Marine-Terrace, 25 juillet [1855].

Vous avez un grand succès et moi une grande joie. De plus, cher poëte, vous avez couronné votre noble ouvrage par une noble conduite. Votre anonyme rayonne. Vous faites de l’incognito une auréole. On dit : pourquoi donc ? et l’on se conte la chose, et l’on applaudit l’auteur autant que la pièce. Je suis heureux de tout cela. Savez-vous que c’était le jour de ma fête ? On m’a fait toutes sortes de choses charmantes et aimables ici, mais mon bouquet était à Paris. Il était fait de rayons, il s’appelait succès, et il est tombé à vos pieds, juste comme s’il s’était échappé de mes mains. Vous voilà riche. Il faut que vous veniez à Marine-Terrace avec votre ravissante et chère femme, et que vous veniez avant la fin de la saison. Les bains de mer font du bien après les averses de bravos.

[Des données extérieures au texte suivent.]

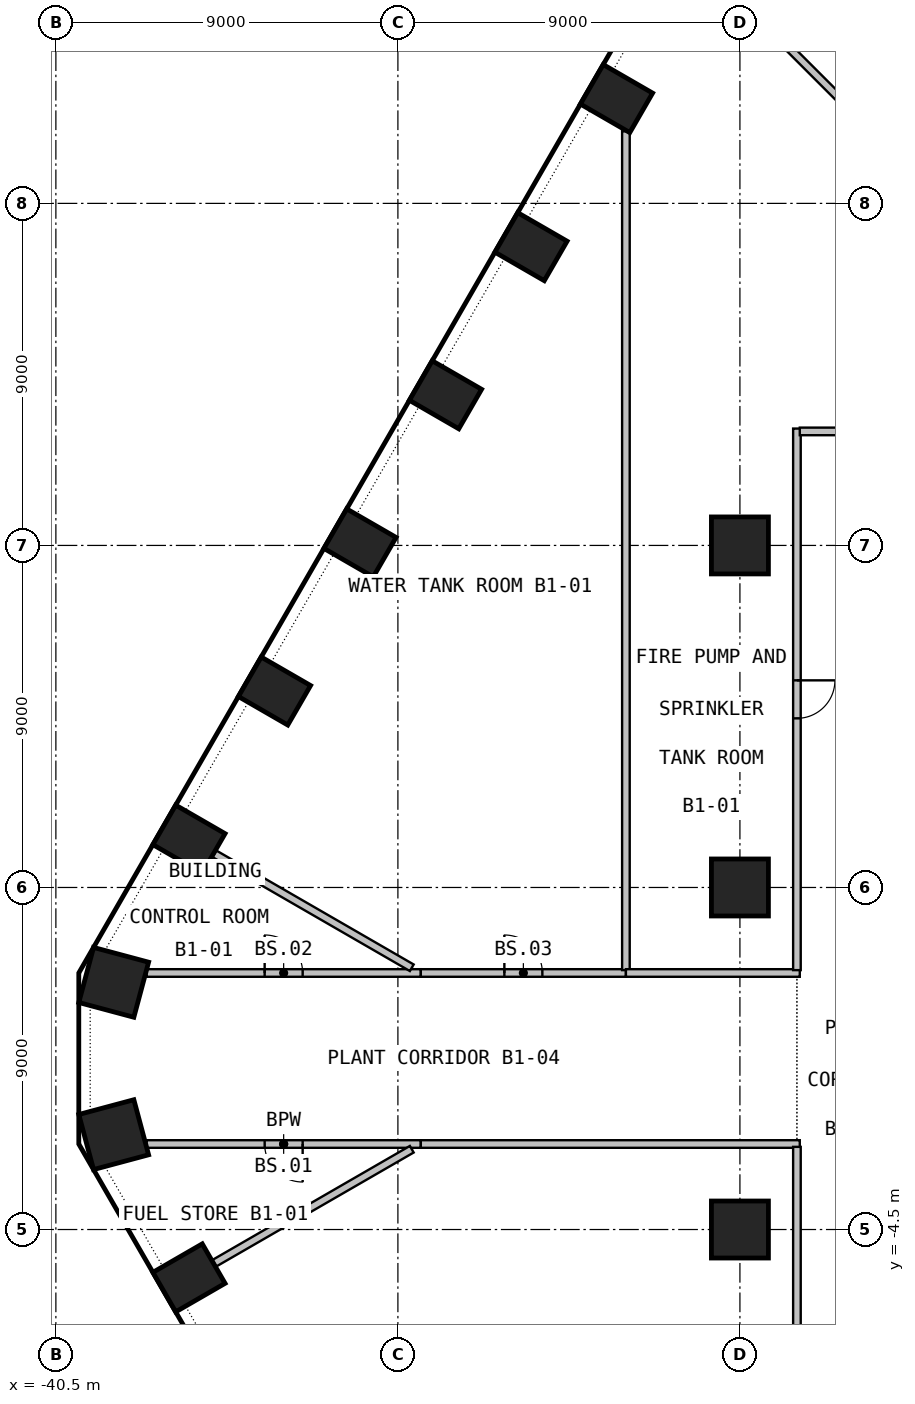
"""IFC4 building model, lengths in metres.
Left out: names, types, materials, properties, quantities, classifications, styles, units other than length and angle.
Written with IfcOpenShell. Run it as: python <this file> out.ifc"""

import sys

from ifc_helpers import new_model, si_unit, direction, frame, frame_2d, origin, origin_2d, place, context, subcontext, project, spatial, rectangle, circle, extrude, element, fill, save


model = new_model("IFC4")
c1 = context("Model", 3, precision=1e-05, world=origin(), true_north=direction((0.0, 1.0)))
c2 = subcontext(c1, "Body", "Model", "MODEL_VIEW")
j1 = project(units=[si_unit("LENGTHUNIT", "METRE"), si_unit("PLANEANGLEUNIT", "RADIAN")], contexts=[c1])
p1 = place(None, origin())
s1 = spatial("IfcSite", under=j1, at=p1, CompositionType="ELEMENT")
p2 = place(p1, origin())
s2 = spatial("IfcBuilding", under=s1, at=p2, CompositionType="ELEMENT")
p3 = place(p2, frame((0.0, 0.0, -5.0)))
s3 = spatial("IfcBuildingStorey", under=s2, at=p3, CompositionType="ELEMENT", Elevation=-5.0)
for number, where, z_axis, x_axis in (
    (1, (-25.748, 25.258, 0.0), (0.0, 0.0, 1.0), (-0.5, -0.866, 0.0)),
    (2, (-27.998, 21.361, 0.0), (0.0, 0.0, 1.0), (-0.5, -0.866, 0.0)),
    (3, (-30.248, 17.463, 0.0), (0.0, 0.0, 1.0), (-0.5, -0.866, 0.0)),
    (4, (-32.498, 13.566, 0.0), (0.0, 0.0, 1.0), (-0.5, -0.866, 0.0)),
    (5, (-34.748, 9.669, 0.0), (0.0, 0.0, 1.0), (-0.5, -0.866, 0.0)),
    (6, (-36.998, 5.772, 0.0), (0.0, 0.0, 1.0), (-0.5, -0.866, 0.0)),
):
    element("IfcColumn", number, at=place(p3, frame(where, z_axis=z_axis, x_axis=x_axis)), inside=s3, PredefinedType="COLUMN", context=c2, shape_type="SweptSolid", body=[
        extrude(rectangle(XDim=1.2, YDim=1.5, at=origin_2d()), origin(), (0.0, 0.0, 1.0), 4.55),
    ])
for number, where, z_axis, x_axis in (
    (7, (-38.979, 2.004, 0.0), (0.0, 0.0, 1.0), (-0.259, -0.966, 0.0)),
    (8, (-38.979, -2.004, 0.0), (0.0, 0.0, 1.0), (0.259, -0.966, 0.0)),
):
    element("IfcColumn", number, at=place(p3, frame(where, z_axis=z_axis, x_axis=x_axis)), inside=s3, PredefinedType="COLUMN", context=c2, shape_type="SweptSolid", body=[
        extrude(rectangle(XDim=1.5, YDim=1.5, at=origin_2d()), origin(), (0.0, 0.0, 1.0), 4.55),
    ])
p4 = place(p3, frame((-36.998, -5.772, 0.0), z_axis=(0.0, 0.0, 1.0), x_axis=(0.5, -0.866025403784, 0.0)))
e9 = element("IfcColumn", 9, at=p4, inside=s3, PredefinedType="COLUMN", context=c2, shape_type="SweptSolid", body=[
    extrude(rectangle(XDim=1.2, YDim=1.5, at=origin_2d()), origin(), (0.0, 0.0, 1.0), 4.55),
])
for number, where, z_axis, x_axis in (
    (10, (-22.5, -4.5, 0.0), (0.0, 0.0, 1.0), (1.0, 0.0, 0.0)),
    (11, (-22.5, 4.5, 0.0), (0.0, 0.0, 1.0), (1.0, 0.0, 0.0)),
    (12, (-22.5, 13.5, 0.0), (0.0, 0.0, 1.0), (1.0, 0.0, 0.0)),
):
    element("IfcColumn", number, at=place(p3, frame(where, z_axis=z_axis, x_axis=x_axis)), inside=s3, PredefinedType="COLUMN", context=c2, shape_type="SweptSolid", body=[
        extrude(circle(Radius=0.75, at=origin_2d()), origin(), (0.0, 0.0, 1.0), 4.55),
    ])
p5 = place(p3, frame((-30.897, -2.25, 0.0), z_axis=(0.0, 0.0, 1.0), x_axis=(-1.0, 0.0, 0.0)))
e13 = element("IfcWall", 13, at=p5, inside=s3, PredefinedType="PARTITIONING", context=c2, shape_type="SweptSolid", body=[
    extrude(rectangle(XDim=7.219, YDim=0.2, at=frame_2d((3.609, 0.0))), origin(), (0.0, 0.0, 1.0), 4.55),
])
p6 = place(p5, frame((3.109, 0.0, 0.0)))
e14 = element("IfcOpeningElement", 14, at=p6, cuts=e13, PredefinedType="OPENING", context=c2, shape_type="SweptSolid", body=[
    extrude(rectangle(XDim=1.0, YDim=2.1, at=frame_2d((0.5, 1.05))), frame((0.0, 0.11, 0.0), z_axis=(0.0, -1.0, 0.0), x_axis=(1.0, 0.0, 0.0)), (0.0, 0.0, 1.0), 0.22),
])
p7 = place(p3, frame((-38.115, 2.25, 0.0), z_axis=(0.0, 0.0, 1.0), x_axis=(1.0, 0.0, 0.0)))
e15 = element("IfcWall", 15, at=p7, inside=s3, PredefinedType="PARTITIONING", context=c2, shape_type="SweptSolid", body=[
    extrude(rectangle(XDim=7.219, YDim=0.2, at=frame_2d((3.609, 0.0))), origin(), (0.0, 0.0, 1.0), 4.55),
])
p8 = place(p7, frame((3.109, 0.0, 0.0)))
e16 = element("IfcOpeningElement", 16, at=p8, cuts=e15, PredefinedType="OPENING", context=c2, shape_type="SweptSolid", body=[
    extrude(rectangle(XDim=1.0, YDim=2.1, at=frame_2d((0.5, 1.05))), frame((0.0, 0.11, 0.0), z_axis=(0.0, -1.0, 0.0), x_axis=(1.0, 0.0, 0.0)), (0.0, 0.0, 1.0), 0.22),
])
for number, where, z_axis, x_axis in (
    (17, (-31.135, -2.387, 0.0), (0.0, 0.0, 1.0), (-0.866, -0.5, 0.0)),
    (18, (-36.331, 5.387, 0.0), (0.0, 0.0, 1.0), (0.866, -0.5, 0.0)),
):
    element("IfcWall", number, at=place(p3, frame(where, z_axis=z_axis, x_axis=x_axis)), inside=s3, PredefinedType="PARTITIONING", context=c2, shape_type="SweptSolid", body=[
        extrude(rectangle(XDim=5.999, YDim=0.2, at=frame_2d((3.0, 0.0))), origin(), (0.0, 0.0, 1.0), 4.55),
    ])
p9 = place(p3, frame((-20.925, -2.25, 0.0), z_axis=(0.0, 0.0, 1.0), x_axis=(-1.0, 0.0, 0.0)))
e19 = element("IfcWall", 19, at=p9, inside=s3, PredefinedType="PARTITIONING", context=c2, shape_type="SweptSolid", body=[
    extrude(rectangle(XDim=9.972, YDim=0.2, at=frame_2d((4.986, 0.0))), origin(), (0.0, 0.0, 1.0), 4.55),
])
p10 = place(p3, frame((-30.897, 2.25, 0.0), z_axis=(0.0, 0.0, 1.0), x_axis=(1.0, 0.0, 0.0)))
e20 = element("IfcWall", 20, at=p10, inside=s3, PredefinedType="PARTITIONING", context=c2, shape_type="SweptSolid", body=[
    extrude(rectangle(XDim=5.397, YDim=0.2, at=frame_2d((2.698, 0.0))), origin(), (0.0, 0.0, 1.0), 4.55),
])
p11 = place(p10, frame((2.198, 0.0, 0.0)))
e21 = element("IfcOpeningElement", 21, at=p11, cuts=e20, PredefinedType="OPENING", context=c2, shape_type="SweptSolid", body=[
    extrude(rectangle(XDim=1.0, YDim=2.1, at=frame_2d((0.5, 1.05))), frame((0.0, 0.11, 0.0), z_axis=(0.0, -1.0, 0.0), x_axis=(1.0, 0.0, 0.0)), (0.0, 0.0, 1.0), 0.22),
])
p12 = place(p3, frame((-25.5, 24.399, 0.0), z_axis=(0.0, 0.0, 1.0), x_axis=(0.0, -1.0, 0.0)))
e22 = element("IfcWall", 22, at=p12, inside=s3, PredefinedType="PARTITIONING", context=c2, shape_type="SweptSolid", body=[
    extrude(rectangle(XDim=22.074, YDim=0.2, at=frame_2d((11.037, 0.0))), origin(), (0.0, 0.0, 1.0), 4.55),
])
p13 = place(p3, frame((-25.5, 2.25, 0.0), z_axis=(0.0, 0.0, 1.0), x_axis=(1.0, 0.0, 0.0)))
e23 = element("IfcWall", 23, at=p13, inside=s3, PredefinedType="PARTITIONING", context=c2, shape_type="SweptSolid", body=[
    extrude(rectangle(XDim=4.575, YDim=0.2, at=frame_2d((2.288, 0.0))), origin(), (0.0, 0.0, 1.0), 4.55),
])
p14 = place(p3, frame((-22.93, 28.313, 0.0), z_axis=(0.0, 0.0, 1.0), x_axis=(0.707114137878, -0.707099424419, 0.0)))
e24 = element("IfcWall", 24, at=p14, inside=s3, PredefinedType="PARTITIONING", context=c2, shape_type="SweptSolid", body=[
    extrude(rectangle(XDim=16.593, YDim=0.2, at=frame_2d((8.296, 0.0))), origin(), (0.0, 0.0, 1.0), 4.55),
])
p15 = place(p3, frame((-21.0, -2.325, 0.0), z_axis=(0.0, 0.0, 1.0), x_axis=(0.0, -1.0, 0.0)))
e25 = element("IfcWall", 25, at=p15, inside=s3, PredefinedType="PARTITIONING", context=c2, shape_type="SweptSolid", body=[
    extrude(rectangle(XDim=14.25, YDim=0.2, at=frame_2d((7.125, 0.0))), origin(), (0.0, 0.0, 1.0), 4.55),
])
p16 = place(p15, frame((6.625, 0.0, 0.0)))
e26 = element("IfcOpeningElement", 26, at=p16, cuts=e25, PredefinedType="OPENING", context=c2, shape_type="SweptSolid", body=[
    extrude(rectangle(XDim=1.0, YDim=2.1, at=frame_2d((0.5, 1.05))), frame((0.0, 0.11, 0.0), z_axis=(0.0, -1.0, 0.0), x_axis=(1.0, 0.0, 0.0)), (0.0, 0.0, 1.0), 0.22),
])
p17 = place(p3, frame((-21.0, 16.575, 0.0), z_axis=(0.0, 0.0, 1.0), x_axis=(0.0, -1.0, 0.0)))
e27 = element("IfcWall", 27, at=p17, inside=s3, PredefinedType="PARTITIONING", context=c2, shape_type="SweptSolid", body=[
    extrude(rectangle(XDim=14.25, YDim=0.2, at=frame_2d((7.125, 0.0))), origin(), (0.0, 0.0, 1.0), 4.55),
])
p18 = place(p17, frame((6.625, 0.0, 0.0)))
e28 = element("IfcOpeningElement", 28, at=p18, cuts=e27, PredefinedType="OPENING", context=c2, shape_type="SweptSolid", body=[
    extrude(rectangle(XDim=1.0, YDim=2.1, at=frame_2d((0.5, 1.05))), frame((0.0, 0.11, 0.0), z_axis=(0.0, -1.0, 0.0), x_axis=(1.0, 0.0, 0.0)), (0.0, 0.0, 1.0), 0.22),
])
p19 = place(p3, frame((-11.295, 16.5, 0.0), z_axis=(0.0, 0.0, 1.0), x_axis=(-1.0, 0.0, 0.0)))
e29 = element("IfcWall", 29, at=p19, inside=s3, PredefinedType="PARTITIONING", context=c2, shape_type="SweptSolid", body=[
    extrude(rectangle(XDim=9.63, YDim=0.2, at=frame_2d((4.815, 0.0))), origin(), (0.0, 0.0, 1.0), 4.55),
])
p20 = place(p6, origin())
e30 = element("IfcDoor", 30, at=p20, inside=s3, OperationType="SINGLE_SWING_RIGHT", PredefinedType="DOOR", context=c2, shape_type="SweptSolid", body=[
    extrude(rectangle(XDim=1.0, YDim=2.1, at=frame_2d((0.5, 1.05))), frame((0.0, 0.025, 0.0), z_axis=(0.0, -1.0, 0.0), x_axis=(1.0, 0.0, 0.0)), (0.0, 0.0, 1.0), 0.05),
])
fill(e14, e30)
p21 = place(p8, origin())
e31 = element("IfcDoor", 31, at=p21, inside=s3, OperationType="SINGLE_SWING_RIGHT", PredefinedType="DOOR", context=c2, shape_type="SweptSolid", body=[
    extrude(rectangle(XDim=1.0, YDim=2.1, at=frame_2d((0.5, 1.05))), frame((0.0, 0.025, 0.0), z_axis=(0.0, -1.0, 0.0), x_axis=(1.0, 0.0, 0.0)), (0.0, 0.0, 1.0), 0.05),
])
fill(e16, e31)
p22 = place(p11, origin())
e32 = element("IfcDoor", 32, at=p22, inside=s3, OperationType="SINGLE_SWING_LEFT", PredefinedType="DOOR", context=c2, shape_type="SweptSolid", body=[
    extrude(rectangle(XDim=1.0, YDim=2.1, at=frame_2d((0.5, 1.05))), frame((0.0, 0.025, 0.0), z_axis=(0.0, -1.0, 0.0), x_axis=(1.0, 0.0, 0.0)), (0.0, 0.0, 1.0), 0.05),
])
fill(e21, e32)
p23 = place(p18, origin())
e33 = element("IfcDoor", 33, at=p23, inside=s3, OperationType="SINGLE_SWING_LEFT", PredefinedType="DOOR", context=c2, shape_type="SweptSolid", body=[
    extrude(rectangle(XDim=1.0, YDim=2.1, at=frame_2d((0.5, 1.05))), frame((0.0, 0.025, 0.0), z_axis=(0.0, -1.0, 0.0), x_axis=(1.0, 0.0, 0.0)), (0.0, 0.0, 1.0), 0.05),
])
fill(e28, e33)
save(model, sys.argv[1])

Vous avez vu Auguste, et nous allons le revoir. C’est une joie qui vous quitte et qui nous revient. — Tout ce que je lis sur votre pièce, tout ce que j’en entends dire me charme. C’est beau, c’est grand. Vous avez déjà des couronnes dans ce haut drame cyclique qui touche à l’épopée où vous êtes maître. Si quelque chose me console de mon silence, cher ami, c’est d’entendre votre voix.

Hélas ! rien n’est complet. Le cheval blanc ne va pas sans le cheval noir dans le triste attelage de la vie. À côté de votre triomphe, j’apprends le deuil de Michelet. La plaie qui s’ouvre à son cœur rouvre la plaie du mien. Je lui écris. Voici ma lettre. Seriez-vous assez bon pour la lui remettre ?

À bientôt, n’est-ce pas ? Je corrige les épreuves des Contemplations. Je crois que vous serez content. Où en suis-je de mes finances ? — Nous vous aimons.